5. Review DNS Aging and Scavenging Settings: Ensure that your DNS aging and scavenging settings are configured correctly. Incorrect settings might lead to premature deletion of records.

6. Repair AD Replication: If you’re dealing with a multi-subnet environment, it could be that AD replication is not working properly, causing DNS changes not to propagate to all sites. Use tools like “repadmin” to check the replication status and diagnose any issues.

Remember, any changes to Active Directory and DNS settings can have a significant impact on your network, so always plan and test changes carefully before implementing them in a production environment. It might also be beneficial to involve your network and security teams when investigating this type of issue.

 

PERMISSIONS

When dealing with DNS updates in relation to SQL Server AlwaysOn Availability Groups, the relevant accounts (the service accounts for SQL Server and the Cluster Name Object, or CNO) need specific permissions to update the DNS entries associated with the AlwaysOn Availability Group Listener.

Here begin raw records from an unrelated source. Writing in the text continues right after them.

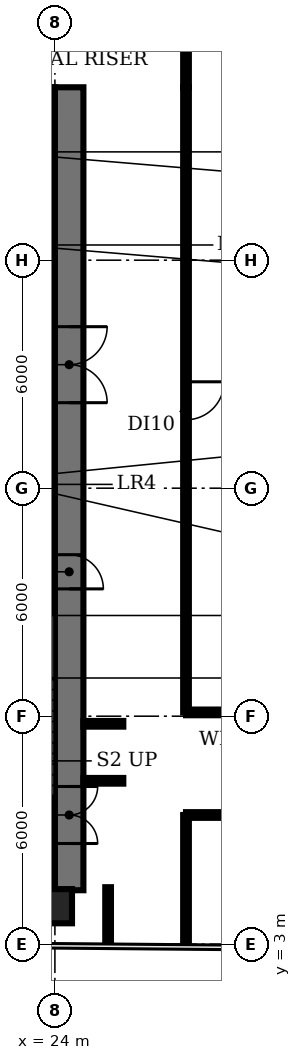
"""IFC4 building model, lengths in metres.
Left out: names, types, materials, properties, quantities, classifications, styles, units other than length and angle.
Written with IfcOpenShell. Run it as: python <this file> out.ifc"""

import sys

from ifc_helpers import new_model, si_unit, direction, frame, frame_2d, origin, origin_2d, place, context, subcontext, project, spatial, rectangle, extrude, element, fill, save


model = new_model("IFC4")
c1 = context("Model", 3, precision=1e-05, world=origin(), true_north=direction((0.0, 1.0)))
c2 = subcontext(c1, "Body", "Model", "MODEL_VIEW")
j1 = project(units=[si_unit("LENGTHUNIT", "METRE"), si_unit("PLANEANGLEUNIT", "RADIAN")], contexts=[c1])
p1 = place(None, origin())
s1 = spatial("IfcSite", under=j1, at=p1, CompositionType="ELEMENT")
p2 = place(p1, origin())
s2 = spatial("IfcBuilding", under=s1, at=p2, CompositionType="ELEMENT")
p3 = place(p2, frame((0.0, 0.0, 113.0)))
s3 = spatial("IfcBuildingStorey", under=s2, at=p3, CompositionType="ELEMENT", Elevation=113.0)
p4 = place(p3, frame((24.0, 4.0, 0.0), z_axis=(0.0, 0.0, 1.0), x_axis=(1.0, 0.0, 0.0)))
e1 = element("IfcColumn", 1, at=p4, inside=s3, PredefinedType="COLUMN", context=c2, shape_type="SweptSolid", body=[
    extrude(rectangle(XDim=0.9, YDim=0.9, at=origin_2d()), origin(), (0.0, 0.0, 1.0), 3.85),
])
p5 = place(p3, frame((20.85, 11.825, 0.0), z_axis=(0.0, 0.0, 1.0), x_axis=(1.0, 0.0, 0.0)))
e2 = element("IfcWall", 2, at=p5, inside=s3, PredefinedType="SHEAR", context=c2, shape_type="SweptSolid", body=[
    extrude(rectangle(XDim=3.15, YDim=0.25, at=frame_2d((1.575, 0.0))), origin(), (0.0, 0.0, 1.0), 3.85),
])
p6 = place(p3, frame((16.6, 13.7, 0.0), z_axis=(0.0, 0.0, 1.0), x_axis=(1.0, 0.0, 0.0)))
e3 = element("IfcWall", 3, at=p6, inside=s3, PredefinedType="PARTITIONING", context=c2, shape_type="SweptSolid", body=[
    extrude(rectangle(XDim=7.4, YDim=0.225, at=frame_2d((3.7, 0.0))), origin(), (0.0, 0.0, 1.0), 3.85),
])
p7 = place(p3, frame((9.4, 16.5, 0.0), z_axis=(0.0, 0.0, 1.0), x_axis=(1.0, 0.0, 0.0)))
e4 = element("IfcWall", 4, at=p7, inside=s3, PredefinedType="PARTITIONING", context=c2, shape_type="SweptSolid", body=[
    extrude(rectangle(XDim=14.6, YDim=0.225, at=frame_2d((7.3, 0.0))), origin(), (0.0, 0.0, 1.0), 3.85),
])
p8 = place(p7, frame((0.75, 0.0, 0.0)))
e5 = element("IfcOpeningElement", 5, at=p8, cuts=e4, PredefinedType="OPENING", context=c2, shape_type="SweptSolid", body=[
    extrude(rectangle(XDim=1.1, YDim=2.1, at=frame_2d((0.55, 1.05))), frame((0.0, 0.123, 0.0), z_axis=(0.0, -1.0, 0.0), x_axis=(1.0, 0.0, 0.0)), (0.0, 0.0, 1.0), 0.245),
])
p9 = place(p7, frame((3.55, 0.0, 0.0)))
e6 = element("IfcOpeningElement", 6, at=p9, cuts=e4, PredefinedType="OPENING", context=c2, shape_type="SweptSolid", body=[
    extrude(rectangle(XDim=1.1, YDim=2.1, at=frame_2d((0.55, 1.05))), frame((0.0, 0.123, 0.0), z_axis=(0.0, -1.0, 0.0), x_axis=(1.0, 0.0, 0.0)), (0.0, 0.0, 1.0), 0.245),
])
p10 = place(p7, frame((6.35, 0.0, 0.0)))
e7 = element("IfcOpeningElement", 7, at=p10, cuts=e4, PredefinedType="OPENING", context=c2, shape_type="SweptSolid", body=[
    extrude(rectangle(XDim=1.1, YDim=2.1, at=frame_2d((0.55, 1.05))), frame((0.0, 0.123, 0.0), z_axis=(0.0, -1.0, 0.0), x_axis=(1.0, 0.0, 0.0)), (0.0, 0.0, 1.0), 0.245),
])
p11 = place(p7, frame((9.15, 0.0, 0.0)))
e8 = element("IfcOpeningElement", 8, at=p11, cuts=e4, PredefinedType="OPENING", context=c2, shape_type="SweptSolid", body=[
    extrude(rectangle(XDim=1.1, YDim=2.1, at=frame_2d((0.55, 1.05))), frame((0.0, 0.123, 0.0), z_axis=(0.0, -1.0, 0.0), x_axis=(1.0, 0.0, 0.0)), (0.0, 0.0, 1.0), 0.245),
])
p12 = place(p7, frame((11.308, 0.0, 0.0)))
e9 = element("IfcOpeningElement", 9, at=p12, cuts=e4, PredefinedType="OPENING", context=c2, shape_type="SweptSolid", body=[
    extrude(rectangle(XDim=0.9, YDim=2.1, at=frame_2d((0.45, 1.05))), frame((0.0, 0.123, 0.0), z_axis=(0.0, -1.0, 0.0), x_axis=(1.0, 0.0, 0.0)), (0.0, 0.0, 1.0), 0.245),
])
p13 = place(p7, frame((13.083, 0.0, 0.0)))
e10 = element("IfcOpeningElement", 10, at=p13, cuts=e4, PredefinedType="OPENING", context=c2, shape_type="SweptSolid", body=[
    extrude(rectangle(XDim=0.9, YDim=2.1, at=frame_2d((0.45, 1.05))), frame((0.0, 0.123, 0.0), z_axis=(0.0, -1.0, 0.0), x_axis=(1.0, 0.0, 0.0)), (0.0, 0.0, 1.0), 0.245),
])
p14 = place(p3, frame((24.0, 20.0, 0.0), z_axis=(0.0, 0.0, 1.0), x_axis=(-1.0, 0.0, 0.0)))
e11 = element("IfcWall", 11, at=p14, inside=s3, PredefinedType="PARTITIONING", context=c2, shape_type="SweptSolid", body=[
    extrude(rectangle(XDim=14.6, YDim=0.225, at=frame_2d((7.3, 0.0))), origin(), (0.0, 0.0, 1.0), 3.85),
])
p15 = place(p14, frame((11.35, 0.0, 0.0)))
e12 = element("IfcOpeningElement", 12, at=p15, cuts=e11, PredefinedType="OPENING", context=c2, shape_type="SweptSolid", body=[
    extrude(rectangle(XDim=1.0, YDim=2.1, at=frame_2d((0.5, 1.05))), frame((0.0, 0.123, 0.0), z_axis=(0.0, -1.0, 0.0), x_axis=(1.0, 0.0, 0.0)), (0.0, 0.0, 1.0), 0.245),
])
p16 = place(p14, frame((5.775, 0.0, 0.0)))
e13 = element("IfcOpeningElement", 13, at=p16, cuts=e11, PredefinedType="OPENING", context=c2, shape_type="SweptSolid", body=[
    extrude(rectangle(XDim=1.0, YDim=2.1, at=frame_2d((0.5, 1.05))), frame((0.0, 0.123, 0.0), z_axis=(0.0, -1.0, 0.0), x_axis=(1.0, 0.0, 0.0)), (0.0, 0.0, 1.0), 0.245),
])
p17 = place(p14, frame((2.308, 0.0, 0.0)))
e14 = element("IfcOpeningElement", 14, at=p17, cuts=e11, PredefinedType="OPENING", context=c2, shape_type="SweptSolid", body=[
    extrude(rectangle(XDim=0.9, YDim=2.1, at=frame_2d((0.45, 1.05))), frame((0.0, 0.123, 0.0), z_axis=(0.0, -1.0, 0.0), x_axis=(1.0, 0.0, 0.0)), (0.0, 0.0, 1.0), 0.245),
])
p18 = place(p14, frame((0.532, 0.0, 0.0)))
e15 = element("IfcOpeningElement", 15, at=p18, cuts=e11, PredefinedType="OPENING", context=c2, shape_type="SweptSolid", body=[
    extrude(rectangle(XDim=0.9, YDim=2.1, at=frame_2d((0.45, 1.05))), frame((0.0, 0.123, 0.0), z_axis=(0.0, -1.0, 0.0), x_axis=(1.0, 0.0, 0.0)), (0.0, 0.0, 1.0), 0.245),
])
p19 = place(p3, frame((9.4, 22.8, 0.0), z_axis=(0.0, 0.0, 1.0), x_axis=(1.0, 0.0, 0.0)))
e16 = element("IfcWall", 16, at=p19, inside=s3, PredefinedType="PARTITIONING", context=c2, shape_type="SweptSolid", body=[
    extrude(rectangle(XDim=14.6, YDim=0.225, at=frame_2d((7.3, 0.0))), origin(), (0.0, 0.0, 1.0), 3.85),
])
p20 = place(p3, frame((24.375, 25.55, 0.0), z_axis=(0.0, 0.0, 1.0), x_axis=(0.0, -1.0, 0.0)))
e17 = element("IfcWall", 17, at=p20, inside=s3, PredefinedType="SHEAR", context=c2, shape_type="SweptSolid", body=[
    extrude(rectangle(XDim=21.13, YDim=0.75, at=frame_2d((10.565, 0.0))), origin(), (0.0, 0.0, 1.0), 3.85),
])
p21 = place(p20, frame((18.4, 0.0, 0.0)))
e18 = element("IfcOpeningElement", 18, at=p21, cuts=e17, PredefinedType="OPENING", context=c2, shape_type="SweptSolid", body=[
    extrude(rectangle(XDim=1.5, YDim=2.1, at=frame_2d((0.75, 1.05))), frame((0.0, 0.385, 0.0), z_axis=(0.0, -1.0, 0.0), x_axis=(1.0, 0.0, 0.0)), (0.0, 0.0, 1.0), 0.77),
])
p22 = place(p20, frame((12.3, 0.0, 0.0)))
e19 = element("IfcOpeningElement", 19, at=p22, cuts=e17, PredefinedType="OPENING", context=c2, shape_type="SweptSolid", body=[
    extrude(rectangle(XDim=0.9, YDim=2.1, at=frame_2d((0.45, 1.05))), frame((0.0, 0.385, 0.0), z_axis=(0.0, -1.0, 0.0), x_axis=(1.0, 0.0, 0.0)), (0.0, 0.0, 1.0), 0.77),
])
p23 = place(p20, frame((6.3, 0.0, 0.0)))
e20 = element("IfcOpeningElement", 20, at=p23, cuts=e17, PredefinedType="OPENING", context=c2, shape_type="SweptSolid", body=[
    extrude(rectangle(XDim=2.0, YDim=2.1, at=frame_2d((1.0, 1.05))), frame((0.0, 0.385, 0.0), z_axis=(0.0, -1.0, 0.0), x_axis=(1.0, 0.0, 0.0)), (0.0, 0.0, 1.0), 0.77),
])
p24 = place(p3, frame((24.0, 5.025, 0.0), z_axis=(0.0, 0.0, 1.0), x_axis=(-1.0, 0.0, 0.0)))
e21 = element("IfcWall", 21, at=p24, inside=s3, PredefinedType="SHEAR", context=c2, shape_type="SweptSolid", body=[
    extrude(rectangle(XDim=18.0, YDim=0.75, at=frame_2d((9.0, 0.0))), origin(), (0.0, 0.0, 1.0), 3.85),
])
p25 = place(p24, frame((0.825, 0.0, 0.0)))
e22 = element("IfcOpeningElement", 22, at=p25, cuts=e21, PredefinedType="OPENING", context=c2, shape_type="SweptSolid", body=[
    extrude(rectangle(XDim=1.5, YDim=2.1, at=frame_2d((0.75, 1.05))), frame((0.0, 0.385, 0.0), z_axis=(0.0, -1.0, 0.0), x_axis=(1.0, 0.0, 0.0)), (0.0, 0.0, 1.0), 0.77),
])
p26 = place(p24, frame((15.675, 0.0, 0.0)))
e23 = element("IfcOpeningElement", 23, at=p26, cuts=e21, PredefinedType="OPENING", context=c2, shape_type="SweptSolid", body=[
    extrude(rectangle(XDim=1.5, YDim=2.1, at=frame_2d((0.75, 1.05))), frame((0.0, 0.385, 0.0), z_axis=(0.0, -1.0, 0.0), x_axis=(1.0, 0.0, 0.0)), (0.0, 0.0, 1.0), 0.77),
])
p27 = place(p24, frame((13.0, 0.0, 0.0)))
e24 = element("IfcOpeningElement", 24, at=p27, cuts=e21, PredefinedType="OPENING", context=c2, shape_type="SweptSolid", body=[
    extrude(rectangle(XDim=1.2, YDim=2.1, at=frame_2d((0.6, 1.05))), frame((0.0, 0.385, 0.0), z_axis=(0.0, -1.0, 0.0), x_axis=(1.0, 0.0, 0.0)), (0.0, 0.0, 1.0), 0.77),
])
p28 = place(p24, frame((4.35, 0.0, 0.0)))
e25 = element("IfcOpeningElement", 25, at=p28, cuts=e21, PredefinedType="OPENING", context=c2, shape_type="SweptSolid", body=[
    extrude(rectangle(XDim=1.0, YDim=2.1, at=frame_2d((0.5, 1.05))), frame((0.0, 0.385, 0.0), z_axis=(0.0, -1.0, 0.0), x_axis=(1.0, 0.0, 0.0)), (0.0, 0.0, 1.0), 0.77),
])
p29 = place(p3, frame((6.0, 25.175, 0.0), z_axis=(0.0, 0.0, 1.0), x_axis=(1.0, 0.0, 0.0)))
e26 = element("IfcWall", 26, at=p29, inside=s3, PredefinedType="SHEAR", context=c2, shape_type="SweptSolid", body=[
    extrude(rectangle(XDim=18.0, YDim=0.75, at=frame_2d((9.0, 0.0))), origin(), (0.0, 0.0, 1.0), 3.85),
])
for number, where, z_axis, x_axis in (
    (27, (24.75, 7.3, 0.0), (0.0, 0.0, 1.0), (1.0, 0.0, 0.0)),
    (28, (24.75, 8.8, 0.0), (0.0, 0.0, 1.0), (1.0, 0.0, 0.0)),
):
    element("IfcWall", number, at=place(p3, frame(where, z_axis=z_axis, x_axis=x_axis)), inside=s3, PredefinedType="PARTITIONING", context=c2, shape_type="SweptSolid", body=[
        extrude(rectangle(XDim=1.05, YDim=0.15, at=frame_2d((0.525, 0.0))), origin(), (0.0, 0.0, 1.0), 2.83),
    ])
p30 = place(p3, frame((25.4, 3.0, 0.0), z_axis=(0.0, 0.0, 1.0), x_axis=(0.0, 1.0, 0.0)))
e29 = element("IfcWall", 29, at=p30, inside=s3, PredefinedType="PARTITIONING", context=c2, shape_type="SweptSolid", body=[
    extrude(rectangle(XDim=1.5, YDim=0.15, at=frame_2d((0.75, 0.0))), origin(), (0.0, 0.0, 1.0), 2.83),
])
p31 = place(p3, frame((27.45, 2.98, 0.0), z_axis=(0.0, 0.0, 1.0), x_axis=(0.0, 1.0, 0.0)))
e30 = element("IfcWall", 30, at=p31, inside=s3, PredefinedType="PARTITIONING", context=c2, shape_type="SweptSolid", body=[
    extrude(rectangle(XDim=3.42, YDim=0.15, at=frame_2d((1.71, 0.0))), origin(), (0.0, 0.0, 1.0), 2.83),
])
p32 = place(p3, frame((27.45, 9.1, 0.0), z_axis=(0.0, 0.0, 1.0), x_axis=(1.0, 0.0, 0.0)))
e31 = element("IfcWall", 31, at=p32, inside=s3, PredefinedType="PARTITIONING", context=c2, shape_type="SweptSolid", body=[
    extrude(rectangle(XDim=8.55, YDim=0.15, at=frame_2d((4.275, 0.0))), origin(), (0.0, 0.0, 1.0), 2.83),
])
p33 = place(p3, frame((27.45, 25.55, 0.0), z_axis=(0.0, 0.0, 1.0), x_axis=(0.0, -1.0, 0.0)))
e32 = element("IfcWall", 32, at=p33, inside=s3, PredefinedType="PARTITIONING", context=c2, shape_type="SweptSolid", body=[
    extrude(rectangle(XDim=16.45, YDim=0.15, at=frame_2d((8.225, 0.0))), origin(), (0.0, 0.0, 1.0), 2.83),
])
p34 = place(p33, frame((7.75, 0.0, 0.0)))
e33 = element("IfcOpeningElement", 33, at=p34, cuts=e32, PredefinedType="OPENING", context=c2, shape_type="SweptSolid", body=[
    extrude(rectangle(XDim=1.0, YDim=2.1, at=frame_2d((0.5, 1.05))), frame((0.0, 0.085, 0.0), z_axis=(0.0, -1.0, 0.0), x_axis=(1.0, 0.0, 0.0)), (0.0, 0.0, 1.0), 0.17),
])
p35 = place(p3, frame((27.45, 25.55, 0.0), z_axis=(0.0, 0.0, 1.0), x_axis=(0.0, 1.0, 0.0)))
e34 = element("IfcWall", 34, at=p35, inside=s3, PredefinedType="PARTITIONING", context=c2, shape_type="SweptSolid", body=[
    extrude(rectangle(XDim=3.9, YDim=0.15, at=frame_2d((1.95, 0.0))), origin(), (0.0, 0.0, 1.0), 2.83),
])
p36 = place(p3, frame((42.0, 6.4, 0.0), z_axis=(0.0, 0.0, 1.0), x_axis=(-1.0, 0.0, 0.0)))
e35 = element("IfcWall", 35, at=p36, inside=s3, PredefinedType="PARTITIONING", context=c2, shape_type="SweptSolid", body=[
    extrude(rectangle(XDim=14.55, YDim=0.15, at=frame_2d((7.275, 0.0))), origin(), (0.0, 0.0, 1.0), 2.83),
])
p37 = place(p36, frame((7.45, 0.0, 0.0)))
e36 = element("IfcOpeningElement", 36, at=p37, cuts=e35, PredefinedType="OPENING", context=c2, shape_type="SweptSolid", body=[
    extrude(rectangle(XDim=1.2, YDim=2.1, at=frame_2d((0.6, 1.05))), frame((0.0, 0.085, 0.0), z_axis=(0.0, -1.0, 0.0), x_axis=(1.0, 0.0, 0.0)), (0.0, 0.0, 1.0), 0.17),
])
p38 = place(p21, origin())
e37 = element("IfcDoor", 37, at=p38, inside=s3, OperationType="DOUBLE_DOOR_SINGLE_SWING", PredefinedType="DOOR", context=c2, shape_type="SweptSolid", body=[
    extrude(rectangle(XDim=1.5, YDim=2.1, at=frame_2d((0.75, 1.05))), frame((0.0, 0.025, 0.0), z_axis=(0.0, -1.0, 0.0), x_axis=(1.0, 0.0, 0.0)), (0.0, 0.0, 1.0), 0.05),
])
fill(e18, e37)
p39 = place(p22, origin())
e38 = element("IfcDoor", 38, at=p39, inside=s3, OperationType="SINGLE_SWING_RIGHT", PredefinedType="DOOR", context=c2, shape_type="SweptSolid", body=[
    extrude(rectangle(XDim=0.9, YDim=2.1, at=frame_2d((0.45, 1.05))), frame((0.0, -0.315, 0.0), z_axis=(0.0, -1.0, 0.0), x_axis=(1.0, 0.0, 0.0)), (0.0, 0.0, 1.0), 0.05),
])
fill(e19, e38)
p40 = place(p23, origin())
e39 = element("IfcDoor", 39, at=p40, inside=s3, OperationType="DOUBLE_DOOR_SINGLE_SWING", PredefinedType="DOOR", context=c2, shape_type="SweptSolid", body=[
    extrude(rectangle(XDim=2.0, YDim=2.1, at=frame_2d((1.0, 1.05))), frame((0.0, 0.025, 0.0), z_axis=(0.0, -1.0, 0.0), x_axis=(1.0, 0.0, 0.0)), (0.0, 0.0, 1.0), 0.05),
])
fill(e20, e39)
p41 = place(p34, origin())
e40 = element("IfcDoor", 40, at=p41, inside=s3, OperationType="SINGLE_SWING_LEFT", PredefinedType="DOOR", context=c2, shape_type="SweptSolid", body=[
    extrude(rectangle(XDim=1.0, YDim=2.1, at=frame_2d((0.5, 1.05))), frame((0.0, 0.025, 0.0), z_axis=(0.0, -1.0, 0.0), x_axis=(1.0, 0.0, 0.0)), (0.0, 0.0, 1.0), 0.05),
])
fill(e33, e40)
save(model, sys.argv[1])

For the SQL Server service accounts and the CNO to be able to update DNS, they need the following permissions on their corresponding DNS records:

1. Read: This permission allows the account to read the properties and contents of the DNS record.

2. Write: This permission allows the account to modify the DNS record.

3. Delete: This permission allows the account to delete the DNS record.

These permissions are necessary for the operation of an AlwaysOn Availability Group, as when a failover event occurs, the DNS entries for the Availability Group Listener need to be updated to point to the new primary replica.

To check and modify these permissions, you can use the DNS Manager console:

1. Open DNS Manager.

2. Expand the DNS Server object and navigate to the Forward Lookup Zone that contains the DNS record.

3. Right-click on the DNS record and select Properties.

4. In the Properties dialog box, go to the Security tab.

5. If the account (SQL Server service account or CNO) is not listed, you can add it by clicking on the “Add” button. If the account is already listed, select it and ensure it has Read, Write, and Delete permissions.

Always ensure that you thoroughly test any changes to permissions in a non-production environment before implementing them in a production environment. If you’re unsure, it’s always a good idea to consult with your network and security teams or a qualified consultant.